由于损坏的 CUDA 上下文的行为是未定义的,因此没有定义任何分配的内容,或者通常是发生此类错误后的机器状态.

Since the behavior of a corrupted CUDA context is undefined, there is no definition for the contents of any allocations, or in general the state of the machine after such an error.

非粘性错误的一个示例可能是尝试cudaMalloc 比设备内存中可用的更多数据.这样的操作会返回一个内存不足的错误,但是该错误在返回后会被清除,并且后续(有效的)cuda API调用可以成功完成,而不会返回错误.非粘性错误不会破坏 CUDA 上下文,并且 cuda 上下文的行为与从未请求过无效操作完全相同.

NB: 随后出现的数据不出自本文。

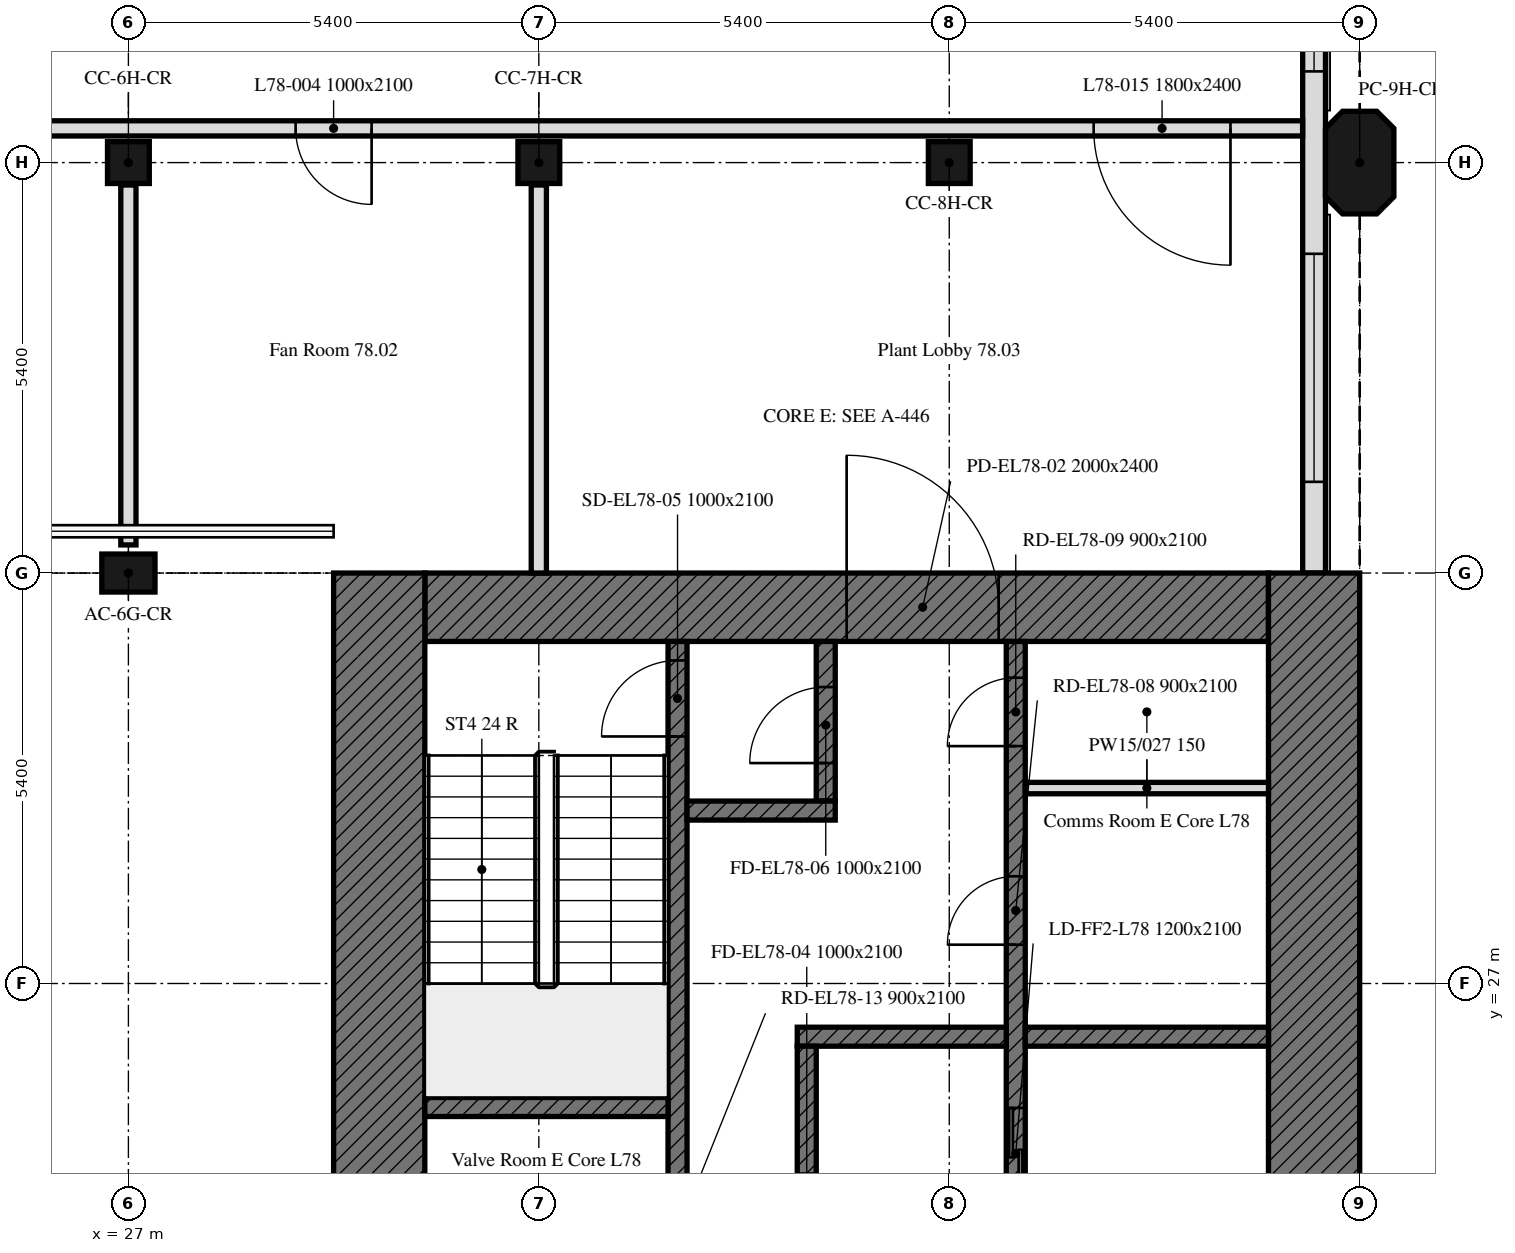
"""IFC4 building model, lengths in metres.
Left out: names, types, materials, properties, quantities, classifications, styles, units other than length and angle.
Written with IfcOpenShell. Run it as: python <this file> out.ifc"""

import sys

from ifc_helpers import new_model, si_unit, direction, frame, frame_2d, origin, origin_2d, place, context, subcontext, project, spatial, polyline, rectangle, outline, extrude, element, fill, save


model = new_model("IFC4")
c1 = context("Model", 3, precision=1e-05, world=origin(), true_north=direction((0.0, 1.0)))
c2 = subcontext(c1, "Body", "Model", "MODEL_VIEW")
j1 = project(units=[si_unit("LENGTHUNIT", "METRE"), si_unit("PLANEANGLEUNIT", "RADIAN")], contexts=[c1])
p1 = place(None, origin())
s1 = spatial("IfcSite", under=j1, at=p1, CompositionType="ELEMENT")
p2 = place(p1, origin())
s2 = spatial("IfcBuilding", under=s1, at=p2, CompositionType="ELEMENT")
p3 = place(p2, frame((0.0, 0.0, 312.7)))
s3 = spatial("IfcBuildingStorey", under=s2, at=p3, CompositionType="ELEMENT", Elevation=312.7)
p4 = place(p3, frame((27.0, 32.4, 0.0), z_axis=(0.0, 0.0, 1.0), x_axis=(1.0, 0.0, 0.0)))
e1 = element("IfcColumn", 1, at=p4, inside=s3, PredefinedType="COLUMN", context=c2, shape_type="SweptSolid", body=[
    extrude(rectangle(XDim=0.7, YDim=0.5, at=origin_2d()), origin(), (0.0, 0.0, 1.0), 4.2),
])
for number, where, z_axis, x_axis in (
    (2, (27.0, 37.8, 0.0), (0.0, 0.0, 1.0), (1.0, 0.0, 0.0)),
    (3, (32.4, 37.8, 0.0), (0.0, 0.0, 1.0), (1.0, 0.0, 0.0)),
    (4, (37.8, 37.8, 0.0), (0.0, 0.0, 1.0), (1.0, 0.0, 0.0)),
):
    element("IfcColumn", number, at=place(p3, frame(where, z_axis=z_axis, x_axis=x_axis)), inside=s3, PredefinedType="COLUMN", context=c2, shape_type="SweptSolid", body=[
        extrude(rectangle(XDim=0.55, YDim=0.55, at=origin_2d()), origin(), (0.0, 0.0, 1.0), 4.2),
    ])
p5 = place(p3, frame((43.2, 37.8, 0.0), z_axis=(0.0, 0.0, 1.0), x_axis=(0.0, 1.0, 0.0)))
e5 = element("IfcColumn", 5, at=p5, inside=s3, PredefinedType="COLUMN", context=c2, shape_type="SweptSolid", body=[
    extrude(outline(polyline([(-0.45, -0.45), (0.45, -0.45), (0.675, -0.225), (0.675, 0.225), (0.45, 0.45), (-0.45, 0.45), (-0.675, 0.225), (-0.675, -0.225), (-0.45, -0.45)])), origin(), (0.0, 0.0, 1.0), 4.2),
])
p6 = place(p3, frame((42.6, 32.4, 0.0), z_axis=(0.0, 0.0, 1.0), x_axis=(0.0, 1.0, 0.0)))
e6 = element("IfcWall", 6, at=p6, inside=s3, PredefinedType="SOLIDWALL", context=c2, shape_type="SweptSolid", body=[
    extrude(outline(polyline([(0.0, 0.0), (10.614, 0.0), (10.614, 4.2), (10.024, 4.2), (9.434, 4.2), (8.845, 4.2), (8.255, 4.2), (7.665, 4.2), (7.076, 4.2), (6.486, 4.2), (5.896, 4.2), (5.307, 4.2), (4.717, 4.2), (4.127, 4.2), (3.538, 4.2), (2.948, 4.2), (2.359, 4.2), (1.769, 4.2), (1.179, 4.2), (0.59, 4.2), (0.0, 4.2), (0.0, 0.0)])), frame((0.0, 0.15, 0.0), z_axis=(0.0, -1.0, 0.0), x_axis=(1.0, 0.0, 0.0)), (0.0, 0.0, 1.0), 0.3),
])
p7 = place(p6, frame((1.2, 0.0, 0.6)))
e7 = element("IfcOpeningElement", 7, at=p7, cuts=e6, PredefinedType="OPENING", context=c2, shape_type="SweptSolid", body=[
    extrude(rectangle(XDim=3.0, YDim=1.8, at=frame_2d((1.5, 0.9))), frame((0.0, 0.16, 0.0), z_axis=(0.0, -1.0, 0.0), x_axis=(1.0, 0.0, 0.0)), (0.0, 0.0, 1.0), 0.32),
])
p8 = place(p6, frame((6.6, 0.0, 0.6)))
e8 = element("IfcOpeningElement", 8, at=p8, cuts=e6, PredefinedType="OPENING", context=c2, shape_type="SweptSolid", body=[
    extrude(rectangle(XDim=3.0, YDim=1.8, at=frame_2d((1.5, 0.9))), frame((0.0, 0.16, 0.0), z_axis=(0.0, -1.0, 0.0), x_axis=(1.0, 0.0, 0.0)), (0.0, 0.0, 1.0), 0.32),
])
p9 = place(p3, frame((30.9, 31.95, 0.0), z_axis=(0.0, 0.0, 1.0), x_axis=(1.0, 0.0, 0.0)))
e9 = element("IfcWall", 9, at=p9, inside=s3, PredefinedType="SOLIDWALL", context=c2, shape_type="SweptSolid", body=[
    extrude(rectangle(XDim=11.1, YDim=0.9, at=frame_2d((5.55, 0.0))), origin(), (0.0, 0.0, 1.0), 4.2),
])
p10 = place(p9, frame((5.55, 0.0, 0.0)))
e10 = element("IfcOpeningElement", 10, at=p10, cuts=e9, PredefinedType="OPENING", context=c2, shape_type="SweptSolid", body=[
    extrude(rectangle(XDim=2.0, YDim=2.4, at=frame_2d((1.0, 1.2))), frame((0.0, 0.45, 0.0), z_axis=(0.0, -1.0, 0.0), x_axis=(1.0, 0.0, 0.0)), (0.0, 0.0, 1.0), 0.9),
])
for number, where, z_axis, x_axis in (
    (11, (42.6, 32.4, 0.0), (0.0, 0.0, 1.0), (0.0, -1.0, 0.0)),
    (12, (30.3, 16.2, 0.0), (0.0, 0.0, 1.0), (0.0, 1.0, 0.0)),
):
    element("IfcWall", number, at=place(p3, frame(where, z_axis=z_axis, x_axis=x_axis)), inside=s3, PredefinedType="SOLIDWALL", context=c2, shape_type="SweptSolid", body=[
        extrude(rectangle(XDim=16.2, YDim=1.2, at=frame_2d((8.1, 0.0))), origin(), (0.0, 0.0, 1.0), 4.2),
    ])
p11 = place(p3, frame((38.675, 17.1, 0.0), z_axis=(0.0, 0.0, 1.0), x_axis=(0.0, 1.0, 0.0)))
e13 = element("IfcWall", 13, at=p11, inside=s3, PredefinedType="SOLIDWALL", context=c2, shape_type="SweptSolid", body=[
    extrude(rectangle(XDim=14.4, YDim=0.25, at=frame_2d((7.2, 0.0))), origin(), (0.0, 0.0, 1.0), 4.2),
])
p12 = place(p11, frame((4.6, 0.0, 0.0)))
e14 = element("IfcOpeningElement", 14, at=p12, cuts=e13, PredefinedType="OPENING", context=c2, shape_type="SweptSolid", body=[
    extrude(rectangle(XDim=1.0, YDim=2.1, at=frame_2d((0.5, 1.05))), frame((0.0, 0.125, 0.0), z_axis=(0.0, -1.0, 0.0), x_axis=(1.0, 0.0, 0.0)), (0.0, 0.0, 1.0), 0.25),
])
p13 = place(p11, frame((7.062, 0.0, 0.0)))
e15 = element("IfcOpeningElement", 15, at=p13, cuts=e13, PredefinedType="OPENING", context=c2, shape_type="SweptSolid", body=[
    extrude(rectangle(XDim=1.2, YDim=2.1, at=frame_2d((0.6, 1.05))), frame((0.0, 0.125, 0.0), z_axis=(0.0, -1.0, 0.0), x_axis=(1.0, 0.0, 0.0)), (0.0, 0.0, 1.0), 0.25),
])
p14 = place(p11, frame((10.41, 0.0, 0.0)))
e16 = element("IfcOpeningElement", 16, at=p14, cuts=e13, PredefinedType="OPENING", context=c2, shape_type="SweptSolid", body=[
    extrude(rectangle(XDim=0.9, YDim=2.1, at=frame_2d((0.45, 1.05))), frame((0.0, 0.125, 0.0), z_axis=(0.0, -1.0, 0.0), x_axis=(1.0, 0.0, 0.0)), (0.0, 0.0, 1.0), 0.25),
])
p15 = place(p11, frame((13.023, 0.0, 0.0)))
e17 = element("IfcOpeningElement", 17, at=p15, cuts=e13, PredefinedType="OPENING", context=c2, shape_type="SweptSolid", body=[
    extrude(rectangle(XDim=0.9, YDim=2.1, at=frame_2d((0.45, 1.05))), frame((0.0, 0.125, 0.0), z_axis=(0.0, -1.0, 0.0), x_axis=(1.0, 0.0, 0.0)), (0.0, 0.0, 1.0), 0.25),
])
p16 = place(p3, frame((34.225, 17.1, 0.0), z_axis=(0.0, 0.0, 1.0), x_axis=(0.0, 1.0, 0.0)))
e18 = element("IfcWall", 18, at=p16, inside=s3, PredefinedType="SOLIDWALL", context=c2, shape_type="SweptSolid", body=[
    extrude(rectangle(XDim=14.4, YDim=0.25, at=frame_2d((7.2, 0.0))), origin(), (0.0, 0.0, 1.0), 4.2),
])
p17 = place(p16, frame((13.15, 0.0, 0.0)))
e19 = element("IfcOpeningElement", 19, at=p17, cuts=e18, PredefinedType="OPENING", context=c2, shape_type="SweptSolid", body=[
    extrude(rectangle(XDim=1.0, YDim=2.1, at=frame_2d((0.5, 1.05))), frame((0.0, 0.125, 0.0), z_axis=(0.0, -1.0, 0.0), x_axis=(1.0, 0.0, 0.0)), (0.0, 0.0, 1.0), 0.25),
])
p18 = place(p16, frame((0.482, 0.0, 0.0)))
e20 = element("IfcOpeningElement", 20, at=p18, cuts=e18, PredefinedType="OPENING", context=c2, shape_type="SweptSolid", body=[
    extrude(rectangle(XDim=0.9, YDim=2.1, at=frame_2d((0.45, 1.05))), frame((0.0, 0.125, 0.0), z_axis=(0.0, -1.0, 0.0), x_axis=(1.0, 0.0, 0.0)), (0.0, 0.0, 1.0), 0.25),
])
p19 = place(p16, frame((2.218, 0.0, 0.0)))
e21 = element("IfcOpeningElement", 21, at=p19, cuts=e18, PredefinedType="OPENING", context=c2, shape_type="SweptSolid", body=[
    extrude(rectangle(XDim=0.9, YDim=2.1, at=frame_2d((0.45, 1.05))), frame((0.0, 0.125, 0.0), z_axis=(0.0, -1.0, 0.0), x_axis=(1.0, 0.0, 0.0)), (0.0, 0.0, 1.0), 0.25),
])
p20 = place(p16, frame((3.71, 0.0, 0.0)))
e22 = element("IfcOpeningElement", 22, at=p20, cuts=e18, PredefinedType="OPENING", context=c2, shape_type="SweptSolid", body=[
    extrude(rectangle(XDim=0.9, YDim=2.1, at=frame_2d((0.45, 1.05))), frame((0.0, 0.125, 0.0), z_axis=(0.0, -1.0, 0.0), x_axis=(1.0, 0.0, 0.0)), (0.0, 0.0, 1.0), 0.25),
])
p21 = place(p16, frame((6.175, 0.0, 0.0)))
e23 = element("IfcOpeningElement", 23, at=p21, cuts=e18, PredefinedType="OPENING", context=c2, shape_type="SweptSolid", body=[
    extrude(rectangle(XDim=0.9, YDim=2.1, at=frame_2d((0.45, 1.05))), frame((0.0, 0.125, 0.0), z_axis=(0.0, -1.0, 0.0), x_axis=(1.0, 0.0, 0.0)), (0.0, 0.0, 1.0), 0.25),
])
p22 = place(p3, frame((30.9, 25.375, 0.0), z_axis=(0.0, 0.0, 1.0), x_axis=(1.0, 0.0, 0.0)))
e24 = element("IfcWall", 24, at=p22, inside=s3, PredefinedType="SOLIDWALL", context=c2, shape_type="SweptSolid", body=[
    extrude(rectangle(XDim=3.2, YDim=0.25, at=frame_2d((1.6, 0.0))), origin(), (0.0, 0.0, 1.0), 4.2),
])
p23 = place(p3, frame((38.8, 26.3, 0.0), z_axis=(0.0, 0.0, 1.0), x_axis=(1.0, 0.0, 0.0)))
e25 = element("IfcWall", 25, at=p23, inside=s3, PredefinedType="SOLIDWALL", context=c2, shape_type="SweptSolid", body=[
    extrude(rectangle(XDim=3.2, YDim=0.25, at=frame_2d((1.6, 0.0))), origin(), (0.0, 0.0, 1.0), 4.2),
])
p24 = place(p3, frame((35.8, 26.3, 0.0), z_axis=(0.0, 0.0, 1.0), x_axis=(1.0, 0.0, 0.0)))
e26 = element("IfcWall", 26, at=p24, inside=s3, PredefinedType="SOLIDWALL", context=c2, shape_type="SweptSolid", body=[
    extrude(rectangle(XDim=2.75, YDim=0.25, at=frame_2d((1.375, 0.0))), origin(), (0.0, 0.0, 1.0), 4.2),
])
p25 = place(p3, frame((36.175, 29.4, 0.0), z_axis=(0.0, 0.0, 1.0), x_axis=(0.0, 1.0, 0.0)))
e27 = element("IfcWall", 27, at=p25, inside=s3, PredefinedType="SOLIDWALL", context=c2, shape_type="SweptSolid", body=[
    extrude(rectangle(XDim=2.1, YDim=0.25, at=frame_2d((1.05, 0.0))), origin(), (0.0, 0.0, 1.0), 4.2),
])
p26 = place(p25, frame((0.5, 0.0, 0.0)))
e28 = element("IfcOpeningElement", 28, at=p26, cuts=e27, PredefinedType="OPENING", context=c2, shape_type="SweptSolid", body=[
    extrude(rectangle(XDim=1.0, YDim=2.1, at=frame_2d((0.5, 1.05))), frame((0.0, 0.125, 0.0), z_axis=(0.0, -1.0, 0.0), x_axis=(1.0, 0.0, 0.0)), (0.0, 0.0, 1.0), 0.25),
])
p27 = place(p3, frame((34.35, 29.275, 0.0), z_axis=(0.0, 0.0, 1.0), x_axis=(1.0, 0.0, 0.0)))
e29 = element("IfcWall", 29, at=p27, inside=s3, PredefinedType="SOLIDWALL", context=c2, shape_type="SweptSolid", body=[
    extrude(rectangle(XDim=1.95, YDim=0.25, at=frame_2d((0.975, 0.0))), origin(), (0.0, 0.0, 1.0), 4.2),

An example of a non-sticky error might be an attempt to cudaMalloc more data than is available in device memory. Such an operation will return an out-of-memory error, but that error will be cleared after being returned, and subsequent (valid) cuda API calls can complete successfully, without returning an error. A non-sticky error does not corrupt the CUDA context, and the behavior of the cuda context is exactly the same as if the invalid operation had never been requested.

在许多记录的错误代码中都提到了粘性和非粘性错误之间的区别 说明,例如:

This distinction between sticky and non-sticky error is called out in many of the documented error code descriptions, for example:

非粘性、非 cuda-context-corrupting:

non-sticky, non-cuda-context-corrupting:

cudaErrorMemoryAllocation = 2API 调用失败,因为它无法分配足够的内存来执行请求的操作.

cudaErrorMemoryAllocation = 2 The API call failed because it was unable to allocate enough memory to perform the requested operation.

粘性,cuda-context-corrupting:

sticky, cuda-context-corrupting:

cudaErrorMisalignedAddress = 74设备在未对齐的内存地址上遇到加载或存储指令.上下文不能被使用,所以它必须被销毁(并且应该创建一个新的).此上下文中的所有现有设备内存分配都是无效的,如果程序要继续使用 CUDA,则必须重新构建.

cudaErrorMisalignedAddress = 74 The device encountered a load or store instruction on a memory address which is not aligned. The context cannot be used, so it must be destroyed (and a new one should be created). All existing device memory allocations from this context are invalid and must be reconstructed if the program is to continue using CUDA.

请注意,cudaDeviceReset() 本身不足以将 GPU 恢复到正确的功能行为.为了实现这一点,拥有"过程也必须终止.请参阅此处.

Note that cudaDeviceReset() by itself is insufficient to restore a GPU to proper functional behavior. In order to accomplish that, the "owning" process must also terminate. See here.